Выпавший снег покрыл все окрестности таким глубоким молчанием, что, казалось, можно было слышать полет птиц в небе. Эспиньоль, казалось, разделял окружающее оцепенение. Ни одного звука шагов не раздавалось на дворе, и, так как малейший шум резко подчеркивался морозным воздухом, каждый старался вести себя как можно тише. Аркенен ходил на цыпочках; теплые туфли Гоготты оставляли на снегу едва заметные следы. Все вокруг казалось мертвым, и как-то не верилось, что земля сможет когда-нибудь сбросить этот саван. Казалось, что она навсегда погружена в сон и что никогда уже нельзя будет увидеть того, что скрыто под ее белым покровом. Впечатление бесконечного однообразия и всеобщего оцепенения было так сильно, что однажды, наблюдая через оконное стекло снежную пелену, закутавшую парк, Анна-Клод почувствовала, что по ее лицу текут слезы.
Но все имеет свой конец. Как-то на исходе недели погода переменилась — прояснилось небо и сверкнуло солнце. Снег растаял. Потом зима, после передышки, снова вступила в свои права. Миновали январь, февраль. В марте по некоторым признакам можно уже было угадывать первые шаги весны. Аркенен предложил девице де Фреваль вспомнить о верховой езде и совершить галопом прогулку по полям. Уже в течение двух месяцев он принужден был отказываться от сопровождения девицы де Фреваль по причине боли в пояснице, которая не позволяла ему держаться в седле. Г-н де Вердло не хотел, чтобы Анна-Клод отваживалась без Аркенена покидать Эспиньоль. Правда, Куаффар всегда был готов его заменить, но Анна-Клод не показывала вида, что заинтересована в его обществе. Более того, Гоготта объявила, что Аркенену станет гораздо хуже, если Куаффар захватит обязанности, которые, в сущности, ему не принадлежат. Куаффар очень хорош там, где надо выращивать салат и поливать брюкву, но гарцевать рядом с барышней — вовсе не его дело.
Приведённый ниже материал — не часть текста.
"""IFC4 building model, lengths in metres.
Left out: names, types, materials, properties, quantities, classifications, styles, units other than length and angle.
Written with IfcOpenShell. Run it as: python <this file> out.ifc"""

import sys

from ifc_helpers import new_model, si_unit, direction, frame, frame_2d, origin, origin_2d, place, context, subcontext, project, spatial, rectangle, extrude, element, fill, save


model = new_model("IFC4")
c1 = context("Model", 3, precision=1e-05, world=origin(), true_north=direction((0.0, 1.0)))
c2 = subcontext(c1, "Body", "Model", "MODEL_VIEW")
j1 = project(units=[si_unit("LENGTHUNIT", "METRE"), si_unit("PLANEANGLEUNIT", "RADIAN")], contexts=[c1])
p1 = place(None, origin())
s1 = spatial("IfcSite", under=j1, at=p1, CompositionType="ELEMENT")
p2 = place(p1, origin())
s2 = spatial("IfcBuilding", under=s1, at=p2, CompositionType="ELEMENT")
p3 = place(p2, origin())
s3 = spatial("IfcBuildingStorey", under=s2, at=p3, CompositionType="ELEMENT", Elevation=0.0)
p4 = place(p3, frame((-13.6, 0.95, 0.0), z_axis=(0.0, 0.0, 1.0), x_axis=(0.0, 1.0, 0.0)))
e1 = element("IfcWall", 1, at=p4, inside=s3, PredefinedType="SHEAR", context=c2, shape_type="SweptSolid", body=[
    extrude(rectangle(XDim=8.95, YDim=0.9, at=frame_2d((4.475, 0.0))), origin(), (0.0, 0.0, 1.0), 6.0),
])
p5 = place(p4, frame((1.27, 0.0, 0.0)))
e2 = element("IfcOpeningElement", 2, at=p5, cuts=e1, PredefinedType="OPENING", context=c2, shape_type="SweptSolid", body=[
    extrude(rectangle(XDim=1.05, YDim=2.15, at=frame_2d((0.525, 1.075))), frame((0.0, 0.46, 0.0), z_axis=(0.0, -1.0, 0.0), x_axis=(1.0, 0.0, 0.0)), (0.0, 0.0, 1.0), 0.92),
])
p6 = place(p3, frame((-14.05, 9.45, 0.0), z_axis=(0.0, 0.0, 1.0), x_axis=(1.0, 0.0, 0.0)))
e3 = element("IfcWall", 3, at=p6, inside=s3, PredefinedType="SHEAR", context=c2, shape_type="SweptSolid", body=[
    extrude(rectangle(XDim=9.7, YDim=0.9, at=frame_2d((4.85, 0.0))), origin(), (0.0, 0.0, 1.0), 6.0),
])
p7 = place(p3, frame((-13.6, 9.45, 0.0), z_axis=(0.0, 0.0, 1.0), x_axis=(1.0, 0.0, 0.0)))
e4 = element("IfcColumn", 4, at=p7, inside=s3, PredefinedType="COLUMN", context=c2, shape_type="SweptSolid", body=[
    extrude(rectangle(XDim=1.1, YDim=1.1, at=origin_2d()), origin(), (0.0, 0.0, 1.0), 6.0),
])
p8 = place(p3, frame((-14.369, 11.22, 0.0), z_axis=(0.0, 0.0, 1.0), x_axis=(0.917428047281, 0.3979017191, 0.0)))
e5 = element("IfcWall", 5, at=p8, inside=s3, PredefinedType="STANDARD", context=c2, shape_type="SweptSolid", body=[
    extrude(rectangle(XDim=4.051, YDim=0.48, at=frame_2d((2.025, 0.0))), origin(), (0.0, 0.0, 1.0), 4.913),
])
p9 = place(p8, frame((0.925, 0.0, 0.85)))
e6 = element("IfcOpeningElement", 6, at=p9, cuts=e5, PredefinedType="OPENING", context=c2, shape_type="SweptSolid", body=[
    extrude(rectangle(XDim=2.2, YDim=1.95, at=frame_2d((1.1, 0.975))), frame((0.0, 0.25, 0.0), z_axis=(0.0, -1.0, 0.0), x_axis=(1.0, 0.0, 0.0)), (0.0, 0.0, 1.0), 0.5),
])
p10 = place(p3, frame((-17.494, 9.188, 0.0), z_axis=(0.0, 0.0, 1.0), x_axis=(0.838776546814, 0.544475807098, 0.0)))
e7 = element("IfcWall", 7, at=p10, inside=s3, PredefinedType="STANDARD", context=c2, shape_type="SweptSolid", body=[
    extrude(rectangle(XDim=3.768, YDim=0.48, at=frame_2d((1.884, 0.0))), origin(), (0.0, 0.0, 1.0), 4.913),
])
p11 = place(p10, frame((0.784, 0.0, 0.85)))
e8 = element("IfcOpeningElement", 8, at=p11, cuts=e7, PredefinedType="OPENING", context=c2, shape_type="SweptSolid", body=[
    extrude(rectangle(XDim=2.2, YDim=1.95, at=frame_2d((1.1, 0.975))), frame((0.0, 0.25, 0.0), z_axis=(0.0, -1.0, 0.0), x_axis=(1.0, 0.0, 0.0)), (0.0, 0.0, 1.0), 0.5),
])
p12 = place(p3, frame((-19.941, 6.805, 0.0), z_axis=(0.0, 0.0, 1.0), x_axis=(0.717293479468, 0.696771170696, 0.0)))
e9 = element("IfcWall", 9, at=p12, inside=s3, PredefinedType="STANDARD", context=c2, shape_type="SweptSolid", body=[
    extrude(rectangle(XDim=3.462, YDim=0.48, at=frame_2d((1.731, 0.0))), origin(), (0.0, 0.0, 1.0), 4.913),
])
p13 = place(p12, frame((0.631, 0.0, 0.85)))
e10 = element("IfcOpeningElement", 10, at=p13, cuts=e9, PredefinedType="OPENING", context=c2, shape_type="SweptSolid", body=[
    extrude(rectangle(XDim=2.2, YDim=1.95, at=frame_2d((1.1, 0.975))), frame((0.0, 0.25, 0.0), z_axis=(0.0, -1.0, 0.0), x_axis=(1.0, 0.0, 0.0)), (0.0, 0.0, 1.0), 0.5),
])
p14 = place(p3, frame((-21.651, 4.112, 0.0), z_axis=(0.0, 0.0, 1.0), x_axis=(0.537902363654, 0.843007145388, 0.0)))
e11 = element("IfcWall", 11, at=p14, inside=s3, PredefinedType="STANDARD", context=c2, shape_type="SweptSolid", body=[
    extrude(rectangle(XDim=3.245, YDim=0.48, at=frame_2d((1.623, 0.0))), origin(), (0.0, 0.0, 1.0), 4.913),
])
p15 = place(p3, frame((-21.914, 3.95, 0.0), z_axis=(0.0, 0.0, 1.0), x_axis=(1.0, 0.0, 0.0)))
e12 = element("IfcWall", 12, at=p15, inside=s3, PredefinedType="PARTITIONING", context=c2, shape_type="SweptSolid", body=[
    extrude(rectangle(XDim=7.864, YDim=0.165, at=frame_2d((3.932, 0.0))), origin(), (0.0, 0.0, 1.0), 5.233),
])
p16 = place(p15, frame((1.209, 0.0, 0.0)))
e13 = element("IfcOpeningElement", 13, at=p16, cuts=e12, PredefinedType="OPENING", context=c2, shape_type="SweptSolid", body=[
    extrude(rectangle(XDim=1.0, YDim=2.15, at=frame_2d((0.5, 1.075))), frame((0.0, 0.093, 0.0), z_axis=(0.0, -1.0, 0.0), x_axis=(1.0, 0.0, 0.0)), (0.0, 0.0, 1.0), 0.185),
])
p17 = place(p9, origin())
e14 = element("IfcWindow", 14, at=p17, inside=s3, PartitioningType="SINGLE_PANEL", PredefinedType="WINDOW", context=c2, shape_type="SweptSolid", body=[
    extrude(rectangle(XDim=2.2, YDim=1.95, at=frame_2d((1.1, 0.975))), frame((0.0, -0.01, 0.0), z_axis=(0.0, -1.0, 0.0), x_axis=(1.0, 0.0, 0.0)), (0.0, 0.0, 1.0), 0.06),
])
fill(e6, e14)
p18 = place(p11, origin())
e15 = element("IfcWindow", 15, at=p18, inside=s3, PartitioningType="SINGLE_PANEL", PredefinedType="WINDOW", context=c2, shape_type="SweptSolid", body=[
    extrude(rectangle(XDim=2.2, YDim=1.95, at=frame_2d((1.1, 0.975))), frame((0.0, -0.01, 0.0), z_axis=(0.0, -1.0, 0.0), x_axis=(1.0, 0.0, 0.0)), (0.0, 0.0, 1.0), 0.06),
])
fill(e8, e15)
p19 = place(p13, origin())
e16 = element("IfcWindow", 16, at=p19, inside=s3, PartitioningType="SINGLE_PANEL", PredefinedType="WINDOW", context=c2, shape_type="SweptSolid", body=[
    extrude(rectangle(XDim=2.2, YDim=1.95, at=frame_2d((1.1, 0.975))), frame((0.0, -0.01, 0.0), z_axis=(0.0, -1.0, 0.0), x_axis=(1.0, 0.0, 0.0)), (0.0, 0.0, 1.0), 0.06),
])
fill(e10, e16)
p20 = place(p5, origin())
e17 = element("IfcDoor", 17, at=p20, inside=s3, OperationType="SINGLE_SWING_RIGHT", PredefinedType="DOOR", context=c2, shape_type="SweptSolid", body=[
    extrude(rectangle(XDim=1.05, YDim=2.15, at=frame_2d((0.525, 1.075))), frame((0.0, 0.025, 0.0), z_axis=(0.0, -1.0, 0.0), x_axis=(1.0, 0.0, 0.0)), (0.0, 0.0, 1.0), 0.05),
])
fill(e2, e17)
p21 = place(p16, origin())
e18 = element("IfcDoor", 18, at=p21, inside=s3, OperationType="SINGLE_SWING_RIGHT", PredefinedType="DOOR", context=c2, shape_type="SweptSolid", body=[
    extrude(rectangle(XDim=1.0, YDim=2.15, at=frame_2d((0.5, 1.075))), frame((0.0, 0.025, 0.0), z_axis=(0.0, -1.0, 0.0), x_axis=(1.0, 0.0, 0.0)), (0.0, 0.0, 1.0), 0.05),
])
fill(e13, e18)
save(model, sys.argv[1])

Узнав об этом соперничестве, Анна-Клод принуждена была отказаться от прогулок, к которым успела уже привыкнуть; поэтому она с удовольствием приняла предложение Аркенена снова к ним вернуться.
День этот был серым, почти теплым. Иногда пробегал острый ветерок и оставлял в воздухе ощущение холода. Земля уже утратила ледяную отверделость и суховатую звонкость, но в ней еще оставалось что-то бездейственное и окоченелое. Копыта отпечатывались, не завязая в грязи. Лошади после долгого пребывания в конюшне были послушны малейшему движению руки. Обогнули пруд. В его спокойных водах Эспиньоль отразил свое «Старое крыло». Скоро толстая угловая башня и острые крыши замковых зданий пропали из виду. Перед всадниками раскрылась между еще безлистной живой изгородью дорога, идущая по коричневым полям. Перешли на галоп. Девица де Фреваль впереди, Аркенен, еще не оправившийся от боли в пояснице, за нею следом. Миновали речушку Пурсод и в Бафонтене въехали в лес. Тропинка сначала была удобной, но потом быстро сделалась труднопроходимой, узко зажатой между двумя рядами окаймляющих ее деревьев. По коре ствола бежал бархатистый мох. Запах земли смешивался с запахом сухих листьев. На кусте слабо чирикала птичка. С нежным шорохом крыльев она снялась с места. Аркенен принялся насвистывать. Он самодовольно посматривал на девицу де Фреваль. Ученица делала ему честь. Посередине дорожки показался кряжистый пень странной формы. Лошадь Анны-Клод сделала быстрый скачок в сторону. Но девица де Фреваль сдержала ее поводьями. Так прибыли они к Большому Холму. Раз уже они очутились на этом месте, Аркенен соскочил на землю, чтобы подтянуть подпругу лошади девицы де Фреваль.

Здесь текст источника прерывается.